Принципиально важно обсудить те позитивные «очевидности», на которых основывалась эта цивилизация. Исходный комплекс «очевидностей» — протестантское религиозное мировосприятие (рассмотрим его кальвинистский вариант, так как именно в кальвинизме, крайнем протестантском течении, внутреннее содержание протестантизма выразилось с предельной полнотой). Но прежде выскажем еще одно положение, чтобы вполне понимать, о чем мы, собственно, говорим, когда касаемся феномена религиозности. Мы, современные люди, считаем, что говорим при этом о вере. Слово это, однако, мы понимаем обычно в том общеупотребительном смысле, когда говорится о принятии чего-либо ненаблюдаемого «со слов», и лишь иногда, задумываясь о том, есть Бог или нет, подразумеваем под этим наше смутное переживание какой-то таинственной связи с миром, неопределенное ощущение присутствия в нем некоего высшего начала. Между тем действительная религиозность состоит не в вере, понимаемой указанным образом, а в знании того, что высшая сила (Бог) существует и что эта сила есть высший мировой либо надмирный субъект, властитель или творец, то есть подлинная религиозность есть естественное, постоянное и необходимое присутствие Бога в переживании, мышлении и мировосприятии. Действительно верующий человек знает Бога с той же достоверностью, как свое имя или то, что у него две руки и две ноги. Только такая религиозность, как и любая другая ментальная «очевидность», является необходимым образом действующей социально-исторической силой. Мы не будем выяснять природу подобного знания, как и вообще всякой ментальной «очевидности», поскольку это уведет нас слишком далеко от нашего предмета, но просто примем их существование за данность. Надо сказать также, что именно в XVI–XVIIвеках, когда зарождается и набирает силу протестантизм, религиозность достигает чрезвычайной силы и интенсивности, не бывшей никогда ни до этой эпохи, ни после нее.

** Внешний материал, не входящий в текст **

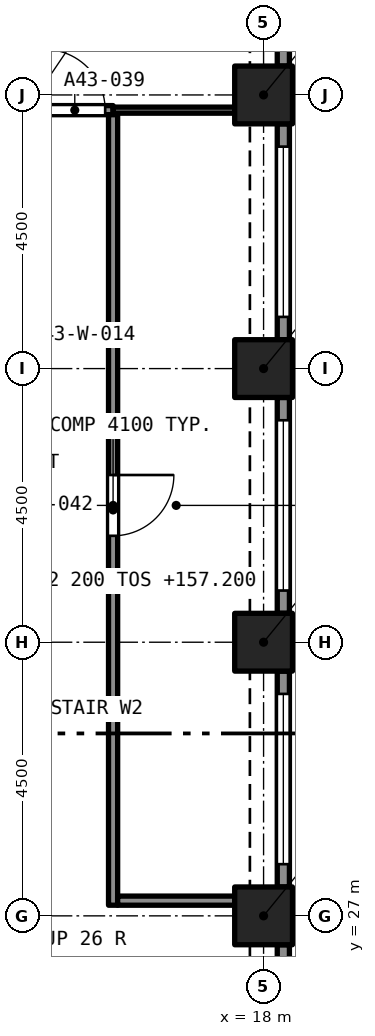
"""IFC4 building model, lengths in metres.
Left out: names, types, materials, properties, quantities, classifications, styles, units other than length and angle.
Written with IfcOpenShell. Run it as: python <this file> out.ifc"""

import sys

from ifc_helpers import new_model, si_unit, direction, frame, frame_2d, origin, origin_2d, place, context, subcontext, project, spatial, rectangle, extrude, element, fill, save


model = new_model("IFC4")
c1 = context("Model", 3, precision=1e-05, world=origin(), true_north=direction((0.0, 1.0)))
c2 = subcontext(c1, "Body", "Model", "MODEL_VIEW")
j1 = project(units=[si_unit("LENGTHUNIT", "METRE"), si_unit("PLANEANGLEUNIT", "RADIAN")], contexts=[c1])
p1 = place(None, origin())
s1 = spatial("IfcSite", under=j1, at=p1, CompositionType="ELEMENT")
p2 = place(p1, origin())
s2 = spatial("IfcBuilding", under=s1, at=p2, CompositionType="ELEMENT")
p3 = place(p2, frame((0.0, 0.0, 155.0)))
s3 = spatial("IfcBuildingStorey", under=s2, at=p3, CompositionType="ELEMENT", Elevation=155.0)
for number, where, z_axis, x_axis in (
    (1, (18.0, 27.0, 0.0), (0.0, 0.0, 1.0), (1.0, 0.0, 0.0)),
    (2, (18.0, 31.5, 0.0), (0.0, 0.0, 1.0), (1.0, 0.0, 0.0)),
    (3, (18.0, 36.0, 0.0), (0.0, 0.0, 1.0), (1.0, 0.0, 0.0)),
    (4, (18.0, 40.5, 0.0), (0.0, 0.0, 1.0), (1.0, 0.0, 0.0)),
):
    element("IfcColumn", number, at=place(p3, frame(where, z_axis=z_axis, x_axis=x_axis)), inside=s3, PredefinedType="COLUMN", context=c2, shape_type="SweptSolid", body=[
        extrude(rectangle(XDim=0.95, YDim=0.95, at=origin_2d()), origin(), (0.0, 0.0, 1.0), 4.4),
    ])
p4 = place(p3, frame((18.325, 26.525, 0.0), z_axis=(0.0, 0.0, 1.0), x_axis=(0.0, -1.0, 0.0)))
e5 = element("IfcWall", 5, at=p4, inside=s3, PredefinedType="SOLIDWALL", context=c2, shape_type="SweptSolid", body=[
    extrude(rectangle(XDim=3.55, YDim=0.2, at=frame_2d((1.775, 0.0))), origin(), (0.0, 0.0, 1.0), 4.4),
])
p5 = place(p4, frame((0.375, 0.0, 0.45)))
e6 = element("IfcOpeningElement", 6, at=p5, cuts=e5, PredefinedType="OPENING", context=c2, shape_type="SweptSolid", body=[
    extrude(rectangle(XDim=2.8, YDim=2.55, at=frame_2d((1.4, 1.275))), frame((0.0, 0.11, 0.0), z_axis=(0.0, -1.0, 0.0), x_axis=(1.0, 0.0, 0.0)), (0.0, 0.0, 1.0), 0.22),
])
p6 = place(p3, frame((18.325, 31.025, 0.0), z_axis=(0.0, 0.0, 1.0), x_axis=(0.0, -1.0, 0.0)))
e7 = element("IfcWall", 7, at=p6, inside=s3, PredefinedType="SOLIDWALL", context=c2, shape_type="SweptSolid", body=[
    extrude(rectangle(XDim=3.55, YDim=0.2, at=frame_2d((1.775, 0.0))), origin(), (0.0, 0.0, 1.0), 4.4),
])
p7 = place(p6, frame((0.375, 0.0, 0.45)))
e8 = element("IfcOpeningElement", 8, at=p7, cuts=e7, PredefinedType="OPENING", context=c2, shape_type="SweptSolid", body=[
    extrude(rectangle(XDim=2.8, YDim=2.55, at=frame_2d((1.4, 1.275))), frame((0.0, 0.11, 0.0), z_axis=(0.0, -1.0, 0.0), x_axis=(1.0, 0.0, 0.0)), (0.0, 0.0, 1.0), 0.22),
])
p8 = place(p3, frame((18.325, 35.525, 0.0), z_axis=(0.0, 0.0, 1.0), x_axis=(0.0, -1.0, 0.0)))
e9 = element("IfcWall", 9, at=p8, inside=s3, PredefinedType="SOLIDWALL", context=c2, shape_type="SweptSolid", body=[
    extrude(rectangle(XDim=3.55, YDim=0.2, at=frame_2d((1.775, 0.0))), origin(), (0.0, 0.0, 1.0), 4.4),
])
p9 = place(p8, frame((0.375, 0.0, 0.45)))
e10 = element("IfcOpeningElement", 10, at=p9, cuts=e9, PredefinedType="OPENING", context=c2, shape_type="SweptSolid", body=[
    extrude(rectangle(XDim=2.8, YDim=2.55, at=frame_2d((1.4, 1.275))), frame((0.0, 0.11, 0.0), z_axis=(0.0, -1.0, 0.0), x_axis=(1.0, 0.0, 0.0)), (0.0, 0.0, 1.0), 0.22),
])
p10 = place(p3, frame((18.325, 40.025, 0.0), z_axis=(0.0, 0.0, 1.0), x_axis=(0.0, -1.0, 0.0)))
e11 = element("IfcWall", 11, at=p10, inside=s3, PredefinedType="SOLIDWALL", context=c2, shape_type="SweptSolid", body=[
    extrude(rectangle(XDim=3.55, YDim=0.2, at=frame_2d((1.775, 0.0))), origin(), (0.0, 0.0, 1.0), 4.4),
])
p11 = place(p10, frame((0.375, 0.0, 0.45)))
e12 = element("IfcOpeningElement", 12, at=p11, cuts=e11, PredefinedType="OPENING", context=c2, shape_type="SweptSolid", body=[
    extrude(rectangle(XDim=2.8, YDim=2.55, at=frame_2d((1.4, 1.275))), frame((0.0, 0.11, 0.0), z_axis=(0.0, -1.0, 0.0), x_axis=(1.0, 0.0, 0.0)), (0.0, 0.0, 1.0), 0.22),
])
p12 = place(p3, frame((18.325, 44.525, 0.0), z_axis=(0.0, 0.0, 1.0), x_axis=(0.0, -1.0, 0.0)))
e13 = element("IfcWall", 13, at=p12, inside=s3, PredefinedType="SOLIDWALL", context=c2, shape_type="SweptSolid", body=[
    extrude(rectangle(XDim=3.55, YDim=0.2, at=frame_2d((1.775, 0.0))), origin(), (0.0, 0.0, 1.0), 4.4),
])
p13 = place(p12, frame((0.375, 0.0, 0.45)))
e14 = element("IfcOpeningElement", 14, at=p13, cuts=e13, PredefinedType="OPENING", context=c2, shape_type="SweptSolid", body=[
    extrude(rectangle(XDim=2.8, YDim=2.55, at=frame_2d((1.4, 1.275))), frame((0.0, 0.11, 0.0), z_axis=(0.0, -1.0, 0.0), x_axis=(1.0, 0.0, 0.0)), (0.0, 0.0, 1.0), 0.22),
])
p14 = place(p3, frame((13.25, 40.25, 0.0), z_axis=(0.0, 0.0, 1.0), x_axis=(1.0, 0.0, 0.0)))
e15 = element("IfcWall", 15, at=p14, inside=s3, PredefinedType="PARTITIONING", context=c2, shape_type="SweptSolid", body=[
    extrude(rectangle(XDim=2.275, YDim=0.15, at=frame_2d((1.137, 0.0))), origin(), (0.0, 0.0, 1.0), 4.1),
])
p15 = place(p14, frame((1.145, 0.0, 0.0)))
e16 = element("IfcOpeningElement", 16, at=p15, cuts=e15, PredefinedType="OPENING", context=c2, shape_type="SweptSolid", body=[
    extrude(rectangle(XDim=1.0, YDim=2.1, at=frame_2d((0.5, 1.05))), frame((0.0, 0.085, 0.0), z_axis=(0.0, -1.0, 0.0), x_axis=(1.0, 0.0, 0.0)), (0.0, 0.0, 1.0), 0.17),
])
p16 = place(p3, frame((15.525, 40.25, 0.0), z_axis=(0.0, 0.0, 1.0), x_axis=(1.0, 0.0, 0.0)))
e17 = element("IfcWall", 17, at=p16, inside=s3, PredefinedType="PARTITIONING", context=c2, shape_type="SweptSolid", body=[
    extrude(rectangle(XDim=2.0, YDim=0.1, at=frame_2d((1.0, 0.0))), origin(), (0.0, 0.0, 1.0), 4.1),
])
p17 = place(p3, frame((15.525, 40.175, 0.0), z_axis=(0.0, 0.0, 1.0), x_axis=(0.0, -1.0, 0.0)))
e18 = element("IfcWall", 18, at=p17, inside=s3, PredefinedType="PARTITIONING", context=c2, shape_type="SweptSolid", body=[
    extrude(rectangle(XDim=13.0, YDim=0.15, at=frame_2d((6.5, 0.0))), origin(), (0.0, 0.0, 1.0), 4.1),
])
p18 = place(p17, frame((5.925, 0.0, 0.0)))
e19 = element("IfcOpeningElement", 19, at=p18, cuts=e18, PredefinedType="OPENING", context=c2, shape_type="SweptSolid", body=[
    extrude(rectangle(XDim=1.0, YDim=2.1, at=frame_2d((0.5, 1.05))), frame((0.0, 0.085, 0.0), z_axis=(0.0, -1.0, 0.0), x_axis=(1.0, 0.0, 0.0)), (0.0, 0.0, 1.0), 0.17),
])
p19 = place(p3, frame((15.6, 27.25, 0.0), z_axis=(0.0, 0.0, 1.0), x_axis=(1.0, 0.0, 0.0)))
e20 = element("IfcWall", 20, at=p19, inside=s3, PredefinedType="PARTITIONING", context=c2, shape_type="SweptSolid", body=[
    extrude(rectangle(XDim=1.925, YDim=0.15, at=frame_2d((0.962, 0.0))), origin(), (0.0, 0.0, 1.0), 4.1),
])
p20 = place(p7, origin())
e21 = element("IfcWindow", 21, at=p20, inside=s3, PartitioningType="SINGLE_PANEL", PredefinedType="WINDOW", context=c2, shape_type="SweptSolid", body=[
    extrude(rectangle(XDim=2.8, YDim=2.55, at=frame_2d((1.4, 1.275))), frame((0.0, 0.03, 0.0), z_axis=(0.0, -1.0, 0.0), x_axis=(1.0, 0.0, 0.0)), (0.0, 0.0, 1.0), 0.06),
])
fill(e8, e21)
p21 = place(p9, origin())
e22 = element("IfcWindow", 22, at=p21, inside=s3, PartitioningType="SINGLE_PANEL", PredefinedType="WINDOW", context=c2, shape_type="SweptSolid", body=[
    extrude(rectangle(XDim=2.8, YDim=2.55, at=frame_2d((1.4, 1.275))), frame((0.0, 0.03, 0.0), z_axis=(0.0, -1.0, 0.0), x_axis=(1.0, 0.0, 0.0)), (0.0, 0.0, 1.0), 0.06),
])
fill(e10, e22)
p22 = place(p11, origin())
e23 = element("IfcWindow", 23, at=p22, inside=s3, PartitioningType="SINGLE_PANEL", PredefinedType="WINDOW", context=c2, shape_type="SweptSolid", body=[
    extrude(rectangle(XDim=2.8, YDim=2.55, at=frame_2d((1.4, 1.275))), frame((0.0, 0.03, 0.0), z_axis=(0.0, -1.0, 0.0), x_axis=(1.0, 0.0, 0.0)), (0.0, 0.0, 1.0), 0.06),
])
fill(e12, e23)
p23 = place(p15, origin())
e24 = element("IfcDoor", 24, at=p23, inside=s3, OperationType="SINGLE_SWING_RIGHT", PredefinedType="DOOR", context=c2, shape_type="SweptSolid", body=[
    extrude(rectangle(XDim=1.0, YDim=2.1, at=frame_2d((0.5, 1.05))), frame((0.0, 0.025, 0.0), z_axis=(0.0, -1.0, 0.0), x_axis=(1.0, 0.0, 0.0)), (0.0, 0.0, 1.0), 0.05),
])
fill(e16, e24)
p24 = place(p18, origin())
e25 = element("IfcDoor", 25, at=p24, inside=s3, OperationType="SINGLE_SWING_LEFT", PredefinedType="DOOR", context=c2, shape_type="SweptSolid", body=[
    extrude(rectangle(XDim=1.0, YDim=2.1, at=frame_2d((0.5, 1.05))), frame((0.0, 0.025, 0.0), z_axis=(0.0, -1.0, 0.0), x_axis=(1.0, 0.0, 0.0)), (0.0, 0.0, 1.0), 0.05),
])
fill(e19, e25)
save(model, sys.argv[1])

Возможно, может сложиться впечатление, что мы уделяем протестантизму с его малопонятным для современного человека образом мыслей слишком много внимания, однако если мы не поймем этих специфических истоков и оснований капитализма, то вообще не поймем ни происходящего сегодня, ни своего будущего. Итак, протестанты (кальвинисты). Исходный постулат кальвинизма состоит в том, что Бог до сотворения мира создал божественный план, предустанавливающий движение каждого атома во Вселенной вплоть до конца света (Божественное предопределение), включая судьбу каждой человеческой души. Заранее, прежде чем сотворить мир, одни души он избрал к спасению (вечному блаженству в раю), а другие проклял и обрек на вечные муки в аду. При этом Бог не являет чудес (свидетельств или указаний), но только строго осуществляет свой план. Отсюда, вообще говоря, следует, что верующий никак не может узнать, избран он к спасению или проклят до сотворения мира. Так и было при Кальвине.

Очень скоро, однако, возникает некоторое отклонение: протестанты начинают считать, что все же одно свидетельство избранности к спасению есть экономическое преуспеяние. Само по себе богатство, однако, не имеет действительной ценности. Как отмечает М.Вебер, «лишь знание первоначального идейного содержания этой нравственности позволяет понять, как органично она была связана с идеей потустороннего блаженства, полностью определявшей внутренний мир наиболее глубоких людей того времени; без этой идеи с ее всепоглощающим господством в то время было совершенно немыслимо какое бы то ни было нравственное преобразование, способное оказать серьезное влияние на жизненную практику»4. И далее: «Жизнь “святого” была ориентирована только на трансцендентную цель — на загробное блаженство, однако именно поэтому его посюстороннее существование было строго рационализировано и заполнено единственным стремлением — приумножить славу Божью на земле»5.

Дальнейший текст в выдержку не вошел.